The most difficult task any planning staff in an aviation task force can do right now is engagement area development. Honestly. It is. I dare you to walk up to any new pilot on Mother Rucker and ask them about EA development, and they would give you the same blank stare that they typically reserve for an instructor pilot who asks them about the requirements to enter Class B airspace. There might even be a ribbon of drool coming from their mouth after a second or two. It's not their fault though. This is part of the insidious nature of the quick reaction force mentality of today’s attack reconnaissance aviation. Engagement area development has little to no place in the QRF world of gimme-grid-freq-call-sign-and-we’ll-figure-it-out-enroute because it requires more than just using what you have on the rail to achieve an effect that you may not be totally sure of. There is little planning in QRF planning. Let’s be honest. It requires highly adaptive and responsive leaders who have a high level of shared situational understanding with the ground force commander to really get any semblance of mission success… without causing unforeseen area of operations lunacy later.
First of all, what is an engagement area, and how does one develop it?
An engagement area is an area in which the commander intends to contain and destroy an enemy force with the massed fires of all available weapons. The size and shape of the engagement area is determined by the relatively unobstructed visibility from the weapon systems in their firing positions and the maximum range of those weapons. Sectors of fire are usually assigned to subordinates to prevent fratricide. An EA should have four things:
1.) multiple battle positions from which to attack
2.) obstacles to channel the enemy and permit use of direct and indirect fires
3.) standoff from the enemy, to minimize enemy counter fire while maximizing the friendly probabilities of kill
4.) continuous visibility of the targets
The two most significant things to me would be items 3 and 4, and I’ll tell you why. It focuses the planning staff and the training of young pilots in the formation. But more on that in a second.

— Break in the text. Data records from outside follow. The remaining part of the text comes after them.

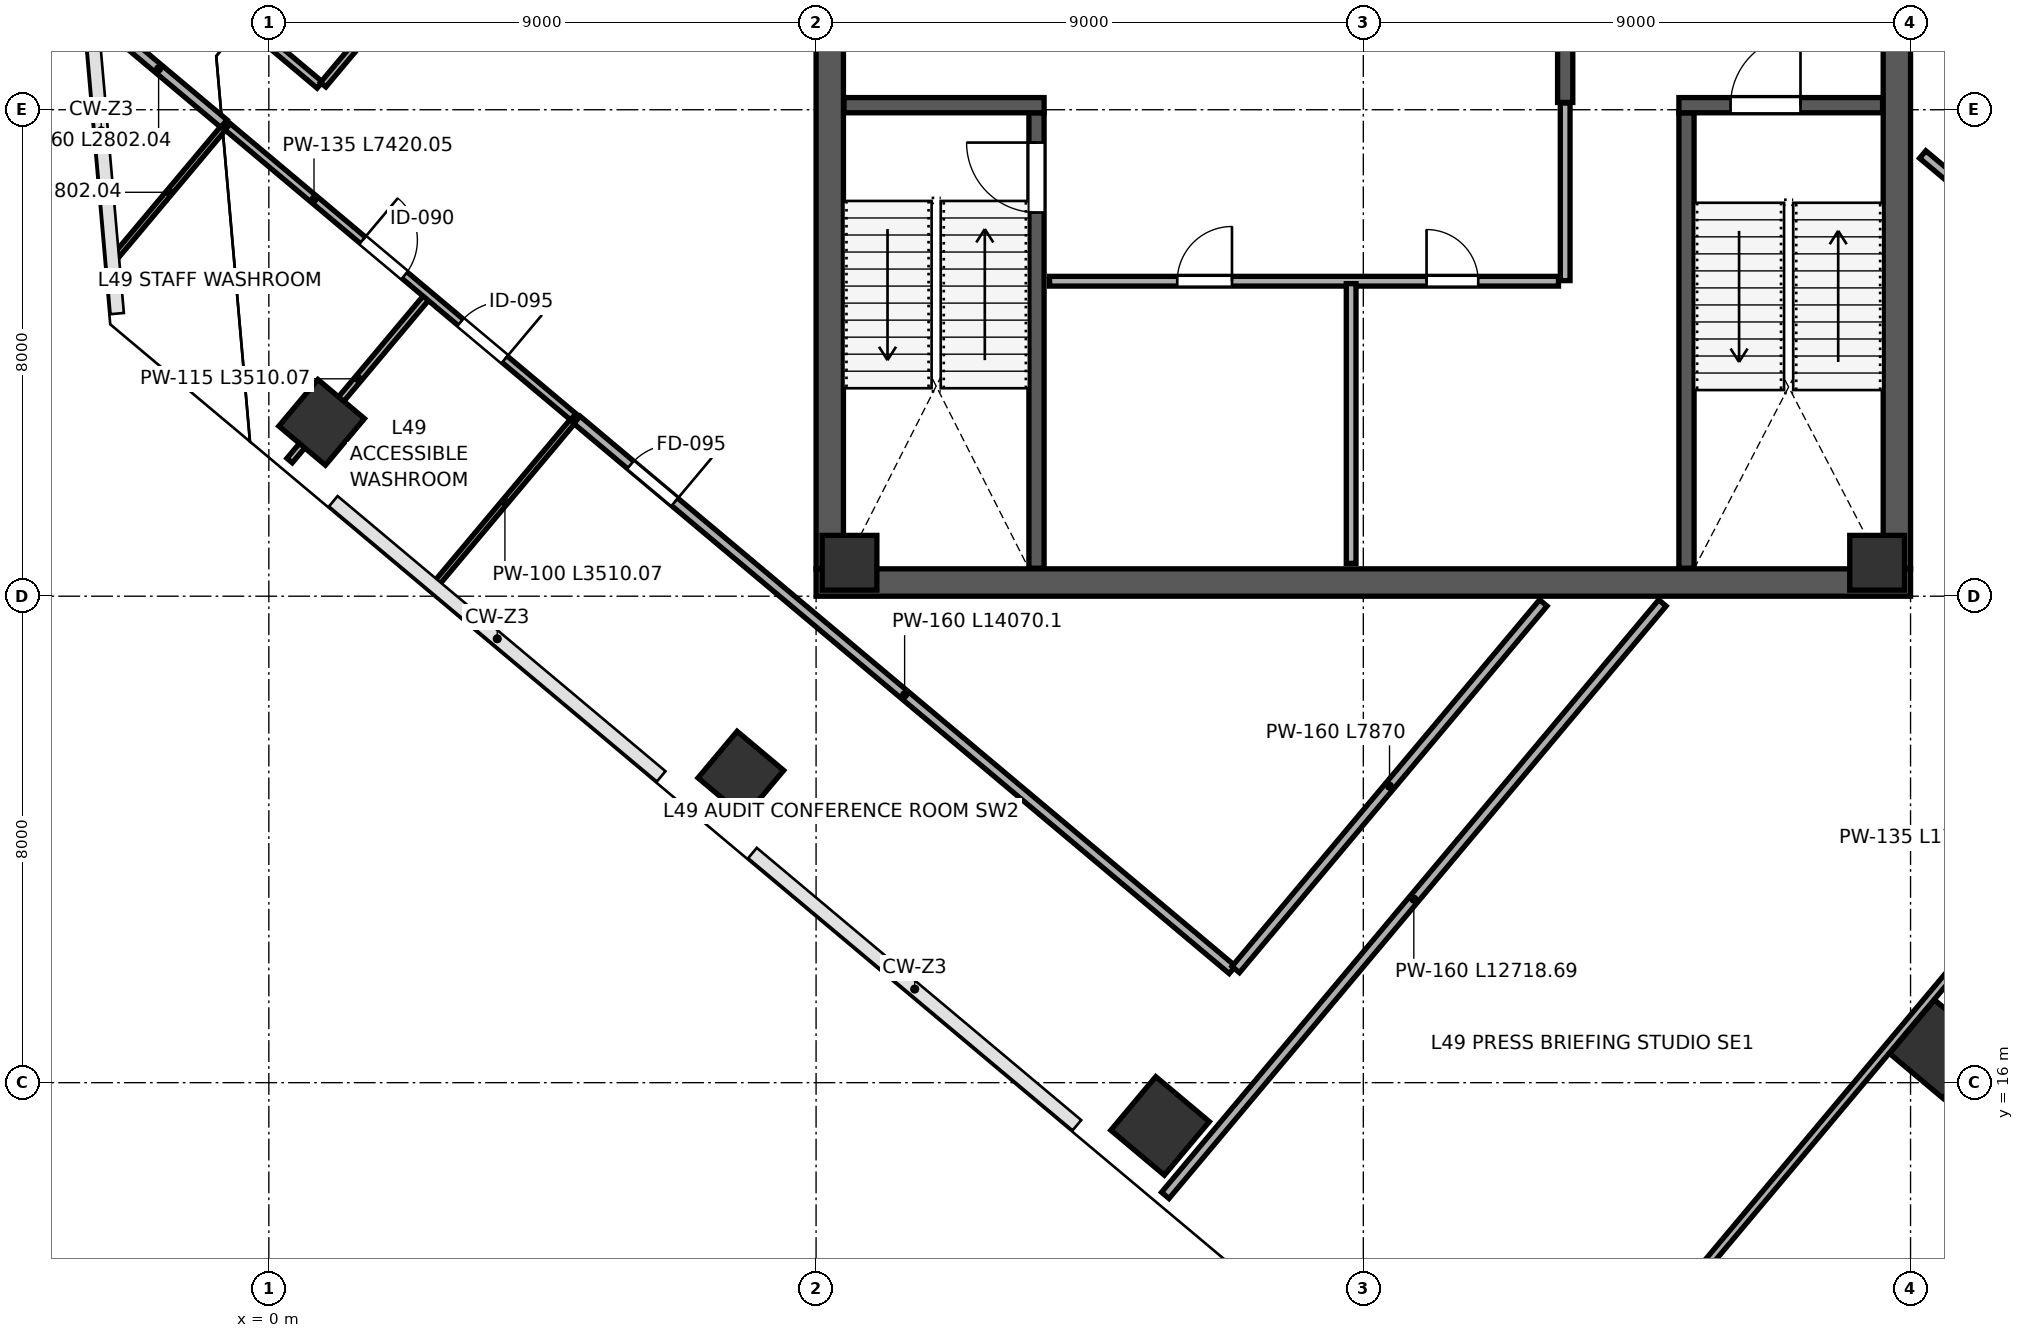
"""IFC4 building model, lengths in metres.
Left out: names, types, materials, properties, quantities, classifications, styles, units other than length and angle.
Written with IfcOpenShell. Run it as: python <this file> out.ifc"""

import sys

from ifc_helpers import new_model, si_unit, direction, frame, frame_2d, origin, origin_2d, place, context, subcontext, project, spatial, rectangle, extrude, source, transform, mapped, element, fill, save


model = new_model("IFC4")
c1 = context("Model", 3, precision=1e-05, world=origin(), true_north=direction((0.0, 1.0)))
c2 = subcontext(c1, "Body", "Model", "MODEL_VIEW")
j1 = project(units=[si_unit("LENGTHUNIT", "METRE"), si_unit("PLANEANGLEUNIT", "RADIAN")], contexts=[c1])
p1 = place(None, origin())
s1 = spatial("IfcSite", under=j1, at=p1, CompositionType="ELEMENT")
p2 = place(p1, origin())
s2 = spatial("IfcBuilding", under=s1, at=p2, CompositionType="ELEMENT")
p3 = place(p2, frame((0.0, 0.0, 220.6)))
s3 = spatial("IfcBuildingStorey", under=s2, at=p3, CompositionType="ELEMENT", Elevation=220.6)
m1 = source(origin(), c2, "Body", "SweptSolid", [
    extrude(rectangle(XDim=0.9, YDim=0.9, at=origin_2d()), origin(), (0.0, 0.0, 1.0), 4.198),
])
for number, where, z_axis, x_axis in (
    (1, (9.55, 24.55, 0.001), (0.0, 0.0, 1.0), (1.0, 0.0, 0.0)),
    (2, (26.45, 24.55, 0.001), (0.0, 0.0, 1.0), (1.0, 0.0, 0.0)),
):
    element("IfcColumn", number, at=place(p3, frame(where, z_axis=z_axis, x_axis=x_axis)), inside=s3, PredefinedType="COLUMN", context=c2, shape_type="MappedRepresentation", body=[
        mapped(m1, transform((0.0, 0.0, 0.0), scale=1.0)),
    ])
m2 = source(origin(), c2, "Body", "SweptSolid", [
    extrude(rectangle(XDim=1.0, YDim=1.0, at=origin_2d()), origin(), (0.0, 0.0, 1.0), 4.198),
])
for number, where, z_axis, x_axis in (
    (3, (0.868, 26.859, 0.001), (0.0, 0.0, 1.0), (-0.766, 0.643, 0.0)),
    (4, (7.763, 21.074, 0.001), (0.0, 0.0, 1.0), (-0.766, 0.643, 0.0)),
):
    element("IfcColumn", number, at=place(p3, frame(where, z_axis=z_axis, x_axis=x_axis)), inside=s3, PredefinedType="COLUMN", context=c2, shape_type="MappedRepresentation", body=[
        mapped(m2, transform((0.0, 0.0, 0.0), scale=1.0)),
    ])
m3 = source(origin(), c2, "Body", "SweptSolid", [
    extrude(rectangle(XDim=1.15, YDim=1.15, at=origin_2d()), origin(), (0.0, 0.0, 1.0), 4.198),
])
p4 = place(p3, frame((14.657, 15.289, 0.001), z_axis=(0.0, 0.0, 1.0), x_axis=(-0.766044443119, 0.642787609687, 0.0)))
e5 = element("IfcColumn", 5, at=p4, inside=s3, PredefinedType="COLUMN", context=c2, shape_type="MappedRepresentation", body=[
    mapped(m3, transform((0.0, 0.0, 0.0), scale=1.0)),
])
m4 = source(origin(), c2, "Body", "SweptSolid", [
    extrude(rectangle(XDim=1.15, YDim=1.15, at=origin_2d()), origin(), (0.0, 0.0, 1.0), 4.198),
])
p5 = place(p3, frame((27.465, 16.551, 0.001), z_axis=(0.0, 0.0, 1.0), x_axis=(-0.766044443119, 0.642787609687, 0.0)))
e6 = element("IfcColumn", 6, at=p5, inside=s3, PredefinedType="COLUMN", context=c2, shape_type="MappedRepresentation", body=[
    mapped(m4, transform((0.0, 0.0, 0.0), scale=1.0)),
])
p6 = place(p3, frame((9.225, 24.45, 0.0), z_axis=(0.0, 0.0, 1.0), x_axis=(0.0, 1.0, 0.0)))
e7 = element("IfcWall", 7, at=p6, inside=s3, PredefinedType="SHEAR", context=c2, shape_type="SweptSolid", body=[
    extrude(rectangle(XDim=15.1, YDim=0.45, at=frame_2d((7.55, 0.0))), origin(), (0.0, 0.0, 1.0), 3.96),
])
p7 = place(p6, frame((8.7, 0.0, 0.0)))
e8 = element("IfcOpeningElement", 8, at=p7, cuts=e7, PredefinedType="OPENING", context=c2, shape_type="SweptSolid", body=[
    extrude(rectangle(XDim=1.15, YDim=2.2, at=frame_2d((0.575, 1.1))), frame((0.0, 0.235, 0.0), z_axis=(0.0, -1.0, 0.0), x_axis=(1.0, 0.0, 0.0)), (0.0, 0.0, 1.0), 0.47),
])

This has practical application in many different facets of everyday life. Have you ever gone genocidal on a hill of fire ants with a big stick and a can of Raid? Yeah, THAT is EA planning and execution. You massed all available weapon systems to achieve the desired effect, minimizing your own exposure to counterattack through standoff and a fire distribution plan. Look at you… all tactical. That's hot.
EA development is simple when you know what it is, but the subtle nuances can lead unforeseen difficulties. Let’s go back to items and 3 and 4 now.
EA development is simple when you know what it is, but the subtle nuances can lead unforeseen difficulties. Let’s go back to items and 3 and 4 now.
Number 3 is simple. If you don’t know what a system looks like on the sensor you’re using, how can you engage it?
I have to know how to find and kill what the ground force commander wants dead. This means two things: I have to know how to use the systems on the aircraft to fix the enemies disposition and then I have to know what effect I want to have on the enemy, based on what the ground force commander really wants.
Item 4 is a little tougher. There is a subtle difference “dead,” you know.
In order to achieve “a high probability of kill,” I have to know what kind of kill the ground commander wants. Does he want a mobility kill? What about a personnel kill? A firepower kill? Or does he want a total kill… the infamous K-KILL? All of these have different requirements for individual weapons and targets. While one AGM-114P+ (our UAS brethren’s missile of choice) can be enough for a sedan full of Haqqani fighters, one AGM-114R (your standard HF radar missile) is not going to even make a dent in a reactive-armored T-72 main battle tank, the preferred tank of all good communist oppressors and soviet-backed warlords the world over.
In short, one Hellfire missile does not equal one dead tank.
Despite the increase in knowledge on the part of our ground forces on what varying weapons may be hanging from the racks of an AH-64D, this hasn’t gotten us back to positive effects based planning. We, as aviation specialists, have to ask the right questions. “What effect do you need?” Not “what weapon do you want.”
So, this is important to note because the ignorance of real weapon effects is an epidemic across the Army today. This is because we neither understand how to predict them, nor how to train for them. We’re still focused on the need for grid-freq-call sign-use-what-you-got. In the effort to return the Army to standards and effective training for the next war, we have an obligation to young pilots to foster tactical curiosity about the enemy they will face in the future.
At some point, we will hand the young LTs and WO1s a can of Raid and a stick, pointing them in the direction of a former soviet-funded nanny state to do their worst. We should probably engage that issue now.